Confesso que não consegui manter o desafio regularmente durante todos os dias de janeiro. Considerei meu tempo conectada das 8h às 20h, período que estou trabalhando. Fiz a egípcia em relação ao tempo conectada para a prática de yoga e meditação, e no uso do Kindle para leitura à noite. Sim, utilizo o Kindle para leitura o que significa que estou conectada até o último minuto antes de dormir.

Também participei de eventos noturnos, houve dias em que precisei sair de casa logo cedo e utilizar o smartphone. Além disso,  janeiro foi um mês intenso, em que me dediquei muito a preparação do Amabilidade, meu workshop sobre conexões humanas genuínas. Com isso, sim, houve dias em que trabalhei até 23h e tive que responder mensagens via WhatsApp antes do previsto. 

Apesar de todos os pesares, tenho que dizer que foi libertador nos dias em que consegui manter o desafio, me manter conectada apenas 12h. Senti menos estafa mental, ansiedade e tive uma sensação de autocontrole indescritível. A gente adota tantos comportamentos automáticos, como pegar o smartphone centenas de vezes ao dia para checar redes sociais, email etc, que é transformador quando nos tornamos mais consciente das pequenas ações que sugam nossa energia.  Identificamos o tempo improdutivo que gastamos no smartphone, em redes sociais, ou vagando em sites.

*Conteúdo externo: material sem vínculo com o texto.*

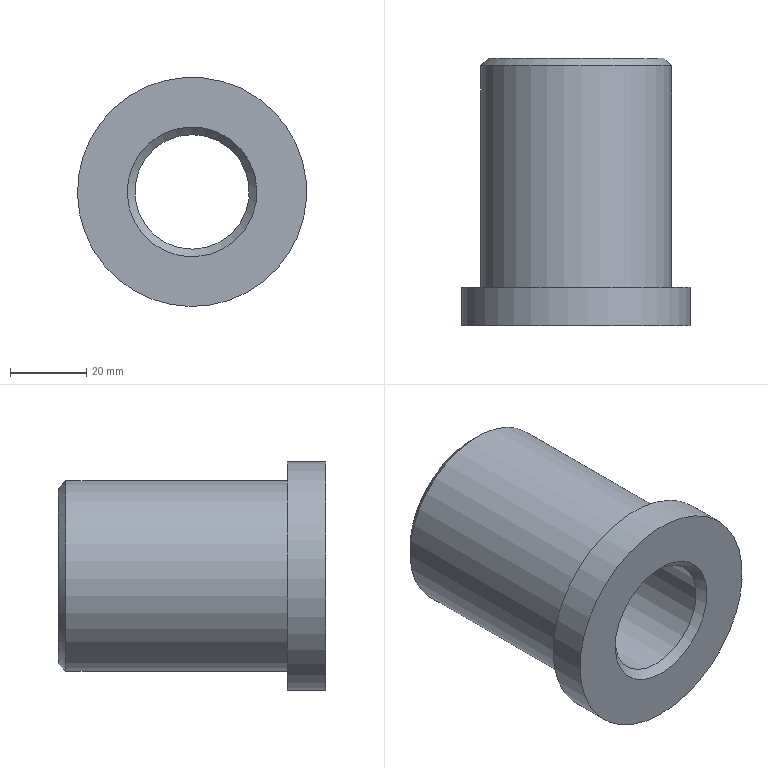Component | NX | SPINDLE_SLEEVE | 1 solid | 9 faces | box 60 x 70 x 60 mm | volume 95904 mm3 | plane 3 | cylinder 3 | cone 3 | commonest cylinder face diameters 30 x1 60 x1 50 x1
STEP:
#1=CARTESIAN_POINT('',(0.,0.,0.));
#2=DIRECTION('',(0.,0.,1.));
#3=DIRECTION('',(1.,0.,0.));
#4=AXIS2_PLACEMENT_3D('',#1,#2,#3);
#5=CARTESIAN_POINT('',(289.146,-15.,110.278));
#6=VERTEX_POINT('',#5);
#7=CARTESIAN_POINT('',(300.,-15.,90.));
#8=DIRECTION('',(0.,1.,0.));
#9=DIRECTION('',(-0.4719,0.,0.8817));
#10=AXIS2_PLACEMENT_3D('',#7,#8,#9);
#11=CIRCLE('',#10,23.);
#12=CARTESIAN_POINT('',(322.041,-15.,101.797));
#13=DIRECTION('',(0.,1.,0.));
#14=DIRECTION('',(-0.4719,0.,0.8817));
#15=AXIS2_PLACEMENT_3D('',#12,#13,#14);
#16=PLANE('',#15);
#17=CARTESIAN_POINT('',(-0.,-25.));
#18=DIRECTION('',(1.,0.));
#19=AXIS2_PLACEMENT_2D('',#17,#18);
#20=CIRCLE('',#19,23.);
#21=(GEOMETRIC_REPRESENTATION_CONTEXT(2)PARAMETRIC_REPRESENTATION_CONTEXT()REPRESENTATION_CONTEXT('',''));
#22=DEFINITIONAL_REPRESENTATION('',(#20),#21);
#23=PCURVE('',#16,#22);
#24=CARTESIAN_POINT('',(300.,-17.,90.));
#25=DIRECTION('',(0.,-1.,0.));
#26=DIRECTION('',(0.4719,0.,-0.8817));
#27=AXIS2_PLACEMENT_3D('',#24,#25,#26);
#28=CONICAL_SURFACE('',#27,25.,0.7854);
#29=CARTESIAN_POINT('',(9.425,-2.));
#30=DIRECTION('',(-1.,0.));
#31=VECTOR('',#30,1.);
#32=LINE('',#29,#31);
#33=(GEOMETRIC_REPRESENTATION_CONTEXT(2)PARAMETRIC_REPRESENTATION_CONTEXT()REPRESENTATION_CONTEXT('',''));
#34=DEFINITIONAL_REPRESENTATION('',(#32),#33);
#35=PCURVE('',#28,#34);
#36=SURFACE_CURVE('',#11,(#23,#35),.PCURVE_S1.);
#37=EDGE_CURVE('',#6,#6,#36,.T.);
#38=ORIENTED_EDGE('',*,*,#37,.T.);
#39=EDGE_LOOP('',(#38));
#40=FACE_BOUND('',#39,.T.);
#41=CARTESIAN_POINT('',(291.978,-15.,104.988));
#42=VERTEX_POINT('',#41);
#43=CARTESIAN_POINT('',(300.,-15.,90.));
#44=DIRECTION('',(0.,-1.,0.));
#45=DIRECTION('',(-0.4719,0.,0.8817));
#46=AXIS2_PLACEMENT_3D('',#43,#44,#45);
#47=CIRCLE('',#46,17.);
#48=CARTESIAN_POINT('',(17.,-25.));
#49=CARTESIAN_POINT('',(17.,-54.445));
#50=CARTESIAN_POINT('',(-8.5,-39.722));
#51=CARTESIAN_POINT('',(-34.,-25.));
#52=CARTESIAN_POINT('',(-8.5,-10.278));
#53=CARTESIAN_POINT('',(17.,4.445));
#54=CARTESIAN_POINT('',(17.,-25.));
#55=(BOUNDED_CURVE()B_SPLINE_CURVE(2,(#48,#49,#50,#51,#52,#53,#54),.UNSPECIFIED.,.T.,.F.)B_SPLINE_CURVE_WITH_KNOTS((1,2,2,2,2,1),(-2.094,0.,2.094,4.189,6.283,8.378),.UNSPECIFIED.)CURVE()GEOMETRIC_REPRESENTATION_ITEM()RATIONAL_B_SPLINE_CURVE((1.,0.5,1.,0.5,1.,0.5,1.))REPRESENTATION_ITEM(''));
#56=(GEOMETRIC_REPRESENTATION_CONTEXT(2)PARAMETRIC_REPRESENTATION_CONTEXT()REPRESENTATION_CONTEXT('',''));
#57=DEFINITIONAL_REPRESENTATION('',(#55),#56);
#58=PCURVE('',#16,#57);
#59=CARTESIAN_POINT('',(300.,-15.,90.));
#60=DIRECTION('',(0.,1.,0.));
#61=DIRECTION('',(-0.4719,0.,0.8817));
#62=AXIS2_PLACEMENT_3D('',#59,#60,#61);
#63=CONICAL_SURFACE('',#62,17.,0.7854);
#64=CARTESIAN_POINT('',(6.283,0.));
#65=DIRECTION('',(-1.,0.));
#66=VECTOR('',#65,1.);
#67=LINE('',#64,#66);
#68=(GEOMETRIC_REPRESENTATION_CONTEXT(2)PARAMETRIC_REPRESENTATION_CONTEXT()REPRESENTATION_CONTEXT('',''));
#69=DEFINITIONAL_REPRESENTATION('',(#67),#68);
#70=PCURVE('',#63,#69);
#71=SURFACE_CURVE('',#47,(#58,#70),.PCURVE_S1.);
#72=EDGE_CURVE('',#42,#42,#71,.T.);
#73=ORIENTED_EDGE('',*,*,#72,.T.);
#74=EDGE_LOOP('',(#73));
#75=FACE_BOUND('',#74,.T.);
#76=ADVANCED_FACE('',(#40,#75),#16,.T.);
#77=CARTESIAN_POINT('',(307.078,-17.,76.775));
#78=VERTEX_POINT('',#77);
#79=CARTESIAN_POINT('',(292.922,-17.,103.225));
#80=VERTEX_POINT('',#79);
#81=CARTESIAN_POINT('',(300.,-17.,90.));
#82=DIRECTION('',(0.,1.,0.));
#83=DIRECTION('',(-0.4719,0.,0.8817));
#84=AXIS2_PLACEMENT_3D('',#81,#82,#83);
#85=CIRCLE('',#84,15.);
#86=CARTESIAN_POINT('',(300.,-75.,90.));
#87=DIRECTION('',(0.,-1.,0.));
#88=DIRECTION('',(0.4719,0.,-0.8817));
#89=AXIS2_PLACEMENT_3D('',#86,#87,#88);
#90=CYLINDRICAL_SURFACE('',#89,15.);
#91=CARTESIAN_POINT('',(9.425,-58.));
#92=DIRECTION('',(-1.,0.));
#93=VECTOR('',#92,1.);
#94=LINE('',#91,#93);
#95=(GEOMETRIC_REPRESENTATION_CONTEXT(2)PARAMETRIC_REPRESENTATION_CONTEXT()REPRESENTATION_CONTEXT('',''));
#96=DEFINITIONAL_REPRESENTATION('',(#94),#95);
#97=PCURVE('',#90,#96);
#98=CARTESIAN_POINT('',(-0.,-2.));
#99=DIRECTION('',(1.,0.));
#100=VECTOR('',#99,1.);
#101=LINE('',#98,#100);
#102=(GEOMETRIC_REPRESENTATION_CONTEXT(2)PARAMETRIC_REPRESENTATION_CONTEXT()REPRESENTATION_CONTEXT('',''));
#103=DEFINITIONAL_REPRESENTATION('',(#101),#102);
#104=PCURVE('',#63,#103);
#105=SURFACE_CURVE('',#85,(#97,#104),.PCURVE_S1.);
#106=EDGE_CURVE('',#78,#80,#105,.T.);
#107=ORIENTED_EDGE('',*,*,#106,.F.);
#108=CARTESIAN_POINT('',(307.078,-83.,76.775));
#109=VERTEX_POINT('',#108);
#110=CARTESIAN_POINT('',(307.078,-17.,76.775));
#111=CARTESIAN_POINT('',(307.078,-83.,76.775));
#112=B_SPLINE_CURVE_WITH_KNOTS('',1,(#110,#111),.UNSPECIFIED.,.F.,.F.,(2,2),(-58.,8.),.PIECEWISE_BEZIER_KNOTS.);
#113=CARTESIAN_POINT('',(6.283,0.));
#114=DIRECTION('',(0.,1.));
#115=VECTOR('',#114,1.);
#116=LINE('',#113,#115);
#117=(GEOMETRIC_REPRESENTATION_CONTEXT(2)PARAMETRIC_REPRESENTATION_CONTEXT()REPRESENTATION_CONTEXT('',''));
#118=DEFINITIONAL_REPRESENTATION('',(#116),#117);
#119=PCURVE('',#90,#118);
#120=CARTESIAN_POINT('',(0.,0.));
#121=DIRECTION('',(0.,1.));
#122=VECTOR('',#121,1.);
#123=LINE('',#120,#122);
#124=(GEOMETRIC_REPRESENTATION_CONTEXT(2)PARAMETRIC_REPRESENTATION_CONTEXT()REPRESENTATION_CONTEXT('',''));
#125=DEFINITIONAL_REPRESENTATION('',(#123),#124);
#126=PCURVE('',#90,#125);
#127=SEAM_CURVE('',#112,(#119,#126),.PCURVE_S1.);
#128=EDGE_CURVE('',#78,#109,#127,.T.);
#129=ORIENTED_EDGE('',*,*,#128,.T.);
#130=CARTESIAN_POINT('',(300.,-83.,90.));
#131=DIRECTION('',(0.,-1.,0.));
#132=DIRECTION('',(0.4719,0.,-0.8817));
#133=AXIS2_PLACEMENT_3D('',#130,#131,#132);
#134=CIRCLE('',#133,15.);
#135=CARTESIAN_POINT('',(0.,8.));
#136=DIRECTION('',(1.,0.));
#137=VECTOR('',#136,1.);
#138=LINE('',#135,#137);
#139=(GEOMETRIC_REPRESENTATION_CONTEXT(2)PARAMETRIC_REPRESENTATION_CONTEXT()REPRESENTATION_CONTEXT('',''));
#140=DEFINITIONAL_REPRESENTATION('',(#138),#139);
#141=PCURVE('',#90,#140);
#142=CARTESIAN_POINT('',(300.,-83.,90.));
#143=DIRECTION('',(0.,-1.,0.));
#144=DIRECTION('',(0.4719,0.,-0.8817));
#145=AXIS2_PLACEMENT_3D('',#142,#143,#144);
#146=CONICAL_SURFACE('',#145,15.,0.7854);
#147=CARTESIAN_POINT('',(0.,0.));
#148=DIRECTION('',(1.,-0.));
#149=VECTOR('',#148,1.);
#150=LINE('',#147,#149);
#151=(GEOMETRIC_REPRESENTATION_CONTEXT(2)PARAMETRIC_REPRESENTATION_CONTEXT()REPRESENTATION_CONTEXT('',''));
#152=DEFINITIONAL_REPRESENTATION('',(#150),#151);
#153=PCURVE('',#146,#152);
#154=SURFACE_CURVE('',#134,(#141,#153),.PCURVE_S1.);
#155=EDGE_CURVE('',#109,#109,#154,.T.);
#156=ORIENTED_EDGE('',*,*,#155,.F.);
#157=ORIENTED_EDGE('',*,*,#128,.F.);
#158=CARTESIAN_POINT('',(300.,-17.,90.));
#159=DIRECTION('',(0.,1.,0.));
#160=DIRECTION('',(-0.4719,0.,0.8817));
#161=AXIS2_PLACEMENT_3D('',#158,#159,#160);
#162=CIRCLE('',#161,15.);
#163=CARTESIAN_POINT('',(3.142,-58.));
#164=DIRECTION('',(-1.,0.));
#165=VECTOR('',#164,1.);
#166=LINE('',#163,#165);
#167=(GEOMETRIC_REPRESENTATION_CONTEXT(2)PARAMETRIC_REPRESENTATION_CONTEXT()REPRESENTATION_CONTEXT('',''));
#168=DEFINITIONAL_REPRESENTATION('',(#166),#167);
#169=PCURVE('',#90,#168);
#170=CARTESIAN_POINT('',(0.,-2.));
#171=DIRECTION('',(1.,-0.));
#172=VECTOR('',#171,1.);
#173=LINE('',#170,#172);
#174=(GEOMETRIC_REPRESENTATION_CONTEXT(2)PARAMETRIC_REPRESENTATION_CONTEXT()REPRESENTATION_CONTEXT('',''));
#175=DEFINITIONAL_REPRESENTATION('',(#173),#174);
#176=PCURVE('',#63,#175);
#177=SURFACE_CURVE('',#162,(#169,#176),.PCURVE_S1.);
#178=EDGE_CURVE('',#80,#78,#177,.T.);
#179=ORIENTED_EDGE('',*,*,#178,.F.);
#180=EDGE_LOOP('',(#107,#129,#156,#157,#179));
#181=FACE_BOUND('',#180,.F.);
#182=ADVANCED_FACE('',(#181),#90,.F.);
#183=CARTESIAN_POINT('',(308.022,-85.,75.012));
#184=VERTEX_POINT('',#183);
#185=CARTESIAN_POINT('',(300.,-85.,90.));
#186=DIRECTION('',(0.,1.,0.));
#187=DIRECTION('',(0.4719,0.,-0.8817));
#188=AXIS2_PLACEMENT_3D('',#185,#186,#187);
#189=CIRCLE('',#188,17.);
#190=CARTESIAN_POINT('',(313.225,-85.,97.078));
#191=DIRECTION('',(0.,-1.,0.));
#192=DIRECTION('',(0.4719,0.,-0.8817));
#193=AXIS2_PLACEMENT_3D('',#190,#191,#192);
#194=PLANE('',#193);
#195=CARTESIAN_POINT('',(17.,-15.));
#196=CARTESIAN_POINT('',(17.,-44.445));
#197=CARTESIAN_POINT('',(-8.5,-29.722));
#198=CARTESIAN_POINT('',(-34.,-15.));
#199=CARTESIAN_POINT('',(-8.5,-0.2776));
#200=CARTESIAN_POINT('',(17.,14.445));
#201=CARTESIAN_POINT('',(17.,-15.));
#202=(BOUNDED_CURVE()B_SPLINE_CURVE(2,(#195,#196,#197,#198,#199,#200,#201),.UNSPECIFIED.,.T.,.F.)B_SPLINE_CURVE_WITH_KNOTS((1,2,2,2,2,1),(-2.094,0.,2.094,4.189,6.283,8.378),.UNSPECIFIED.)CURVE()GEOMETRIC_REPRESENTATION_ITEM()RATIONAL_B_SPLINE_CURVE((1.,0.5,1.,0.5,1.,0.5,1.))REPRESENTATION_ITEM(''));
#203=(GEOMETRIC_REPRESENTATION_CONTEXT(2)PARAMETRIC_REPRESENTATION_CONTEXT()REPRESENTATION_CONTEXT('',''));
#204=DEFINITIONAL_REPRESENTATION('',(#202),#203);
#205=PCURVE('',#194,#204);
#206=CARTESIAN_POINT('',(6.283,2.));
#207=DIRECTION('',(-1.,0.));
#208=VECTOR('',#207,1.);
#209=LINE('',#206,#208);
#210=(GEOMETRIC_REPRESENTATION_CONTEXT(2)PARAMETRIC_REPRESENTATION_CONTEXT()REPRESENTATION_CONTEXT('',''));
#211=DEFINITIONAL_REPRESENTATION('',(#209),#210);
#212=PCURVE('',#146,#211);
#213=SURFACE_CURVE('',#189,(#205,#212),.PCURVE_S1.);
#214=EDGE_CURVE('',#184,#184,#213,.T.);
#215=ORIENTED_EDGE('',*,*,#214,.T.);
#216=EDGE_LOOP('',(#215));
#217=FACE_BOUND('',#216,.T.);
#218=CARTESIAN_POINT('',(314.157,-85.,63.55));
#219=VERTEX_POINT('',#218);
#220=CARTESIAN_POINT('',(300.,-85.,90.));
#221=DIRECTION('',(0.,-1.,0.));
#222=DIRECTION('',(0.4719,0.,-0.8817));
#223=AXIS2_PLACEMENT_3D('',#220,#221,#222);
#224=CIRCLE('',#223,30.);
#225=CARTESIAN_POINT('',(0.,-15.));
#226=DIRECTION('',(1.,0.));
#227=AXIS2_PLACEMENT_2D('',#225,#226);
#228=CIRCLE('',#227,30.);
#229=(GEOMETRIC_REPRESENTATION_CONTEXT(2)PARAMETRIC_REPRESENTATION_CONTEXT()REPRESENTATION_CONTEXT('',''));
#230=DEFINITIONAL_REPRESENTATION('',(#228),#229);
#231=PCURVE('',#194,#230);
#232=CARTESIAN_POINT('',(300.,-75.,90.));
#233=DIRECTION('',(0.,-1.,0.));
#234=DIRECTION('',(0.4719,0.,-0.8817));
#235=AXIS2_PLACEMENT_3D('',#232,#233,#234);
#236=CYLINDRICAL_SURFACE('',#235,30.);
#237=CARTESIAN_POINT('',(0.,10.));
#238=DIRECTION('',(1.,0.));
#239=VECTOR('',#238,1.);
#240=LINE('',#237,#239);
#241=(GEOMETRIC_REPRESENTATION_CONTEXT(2)PARAMETRIC_REPRESENTATION_CONTEXT()REPRESENTATION_CONTEXT('',''));
#242=DEFINITIONAL_REPRESENTATION('',(#240),#241);
#243=PCURVE('',#236,#242);
#244=SURFACE_CURVE('',#224,(#231,#243),.PCURVE_S1.);
#245=EDGE_CURVE('',#219,#219,#244,.T.);
#246=ORIENTED_EDGE('',*,*,#245,.T.);
#247=EDGE_LOOP('',(#246));
#248=FACE_BOUND('',#247,.T.);
#249=ADVANCED_FACE('',(#217,#248),#194,.T.);
#250=CARTESIAN_POINT('',(314.157,-75.,63.55));
#251=VERTEX_POINT('',#250);
#252=CARTESIAN_POINT('',(300.,-75.,90.));
#253=DIRECTION('',(0.,-1.,0.));
#254=DIRECTION('',(0.4719,0.,-0.8817));
#255=AXIS2_PLACEMENT_3D('',#252,#253,#254);
#256=CIRCLE('',#255,30.);
#257=CARTESIAN_POINT('',(0.,0.));
#258=DIRECTION('',(1.,0.));
#259=VECTOR('',#258,1.);
#260=LINE('',#257,#259);
#261=(GEOMETRIC_REPRESENTATION_CONTEXT(2)PARAMETRIC_REPRESENTATION_CONTEXT()REPRESENTATION_CONTEXT('',''));
#262=DEFINITIONAL_REPRESENTATION('',(#260),#261);
#263=PCURVE('',#236,#262);
#264=CARTESIAN_POINT('',(326.45,-75.,104.157));
#265=DIRECTION('',(0.,1.,0.));
#266=DIRECTION('',(-0.4719,0.,0.8817));
#267=AXIS2_PLACEMENT_3D('',#264,#265,#266);
#268=PLANE('',#267);
#269=CARTESIAN_POINT('',(-30.,-30.));
#270=CARTESIAN_POINT('',(-30.,21.962));
#271=CARTESIAN_POINT('',(15.,-4.019));
#272=CARTESIAN_POINT('',(60.,-30.));
#273=CARTESIAN_POINT('',(15.,-55.981));
#274=CARTESIAN_POINT('',(-30.,-81.962));
#275=CARTESIAN_POINT('',(-30.,-30.));
#276=(BOUNDED_CURVE()B_SPLINE_CURVE(2,(#269,#270,#271,#272,#273,#274,#275),.UNSPECIFIED.,.T.,.F.)B_SPLINE_CURVE_WITH_KNOTS((1,2,2,2,2,1),(-2.094,0.,2.094,4.189,6.283,8.378),.UNSPECIFIED.)CURVE()GEOMETRIC_REPRESENTATION_ITEM()RATIONAL_B_SPLINE_CURVE((1.,0.5,1.,0.5,1.,0.5,1.))REPRESENTATION_ITEM(''));
#277=(GEOMETRIC_REPRESENTATION_CONTEXT(2)PARAMETRIC_REPRESENTATION_CONTEXT()REPRESENTATION_CONTEXT('',''));
#278=DEFINITIONAL_REPRESENTATION('',(#276),#277);
#279=PCURVE('',#268,#278);
#280=SURFACE_CURVE('',#256,(#263,#279),.PCURVE_S1.);
#281=EDGE_CURVE('',#251,#251,#280,.T.);
#282=ORIENTED_EDGE('',*,*,#281,.T.);
#283=CARTESIAN_POINT('',(314.157,-75.,63.55));
#284=CARTESIAN_POINT('',(314.157,-85.,63.55));
#285=B_SPLINE_CURVE_WITH_KNOTS('',1,(#283,#284),.UNSPECIFIED.,.F.,.F.,(2,2),(0.,10.),.PIECEWISE_BEZIER_KNOTS.);
#286=CARTESIAN_POINT('',(6.283,0.));
#287=DIRECTION('',(0.,1.));
#288=VECTOR('',#287,1.);
#289=LINE('',#286,#288);
#290=(GEOMETRIC_REPRESENTATION_CONTEXT(2)PARAMETRIC_REPRESENTATION_CONTEXT()REPRESENTATION_CONTEXT('',''));
#291=DEFINITIONAL_REPRESENTATION('',(#289),#290);
#292=PCURVE('',#236,#291);
#293=CARTESIAN_POINT('',(0.,0.));
#294=DIRECTION('',(0.,1.));
#295=VECTOR('',#294,1.);
#296=LINE('',#293,#295);
#297=(GEOMETRIC_REPRESENTATION_CONTEXT(2)PARAMETRIC_REPRESENTATION_CONTEXT()REPRESENTATION_CONTEXT('',''));
#298=DEFINITIONAL_REPRESENTATION('',(#296),#297);
#299=PCURVE('',#236,#298);
#300=SEAM_CURVE('',#285,(#292,#299),.PCURVE_S1.);
#301=EDGE_CURVE('',#251,#219,#300,.T.);
#302=ORIENTED_EDGE('',*,*,#301,.T.);
#303=ORIENTED_EDGE('',*,*,#245,.F.);
#304=ORIENTED_EDGE('',*,*,#301,.F.);
#305=EDGE_LOOP('',(#282,#302,#303,#304));
#306=FACE_BOUND('',#305,.T.);
#307=ADVANCED_FACE('',(#306),#236,.T.);
#308=CARTESIAN_POINT('',(311.797,-75.,67.959));
#309=VERTEX_POINT('',#308);
#310=CARTESIAN_POINT('',(300.,-75.,90.));
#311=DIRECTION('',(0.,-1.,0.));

Estar o tempo todo disponível para as demandas dos outros causa muita ansiedade. Não é porque temos aplicativos de mensagens instantâneas que precisamos responder tudo na hora. Na realidade, o app te concede a flexibilidade de responder no momento mais oportuno para você. E como dizem, se for realmente urgente, você receberá uma ligação. Temos que mentalizar o seguinte: menos desespero para nos mostrarmos disponíveis e mais presença, por favor.

Com certeza sou mais integrada que apocalíptica

A tendência é estarmos cada vez mais conectados, pois a transformação digital está acontecendo diante dos nossos olhos. A internet das coisas está aí no nosso dia a dia e já temos até tapetinho de yoga inteligente, gerando dados sobre nosso desempenho durante a prática. E é nesse contexto que, para mim, é mais necessário cultivar clareza e intenção.

Clareza sobre como tudo isso impacta na minha saúde, energia, produtividade e bem estar, e intenção no uso positivo de tanta coisa boa que está aqui e que ainda está por vir. Eu realmente quero usufruir das benesses da Era digital em vez de deixá-la fazer uso de mim.

Topa fazer esse desafio? Quantas horas você permanece conectado? Sabe os efeitos que estar conectado provocam na sua vida?  Compartilha comigo nos comentários!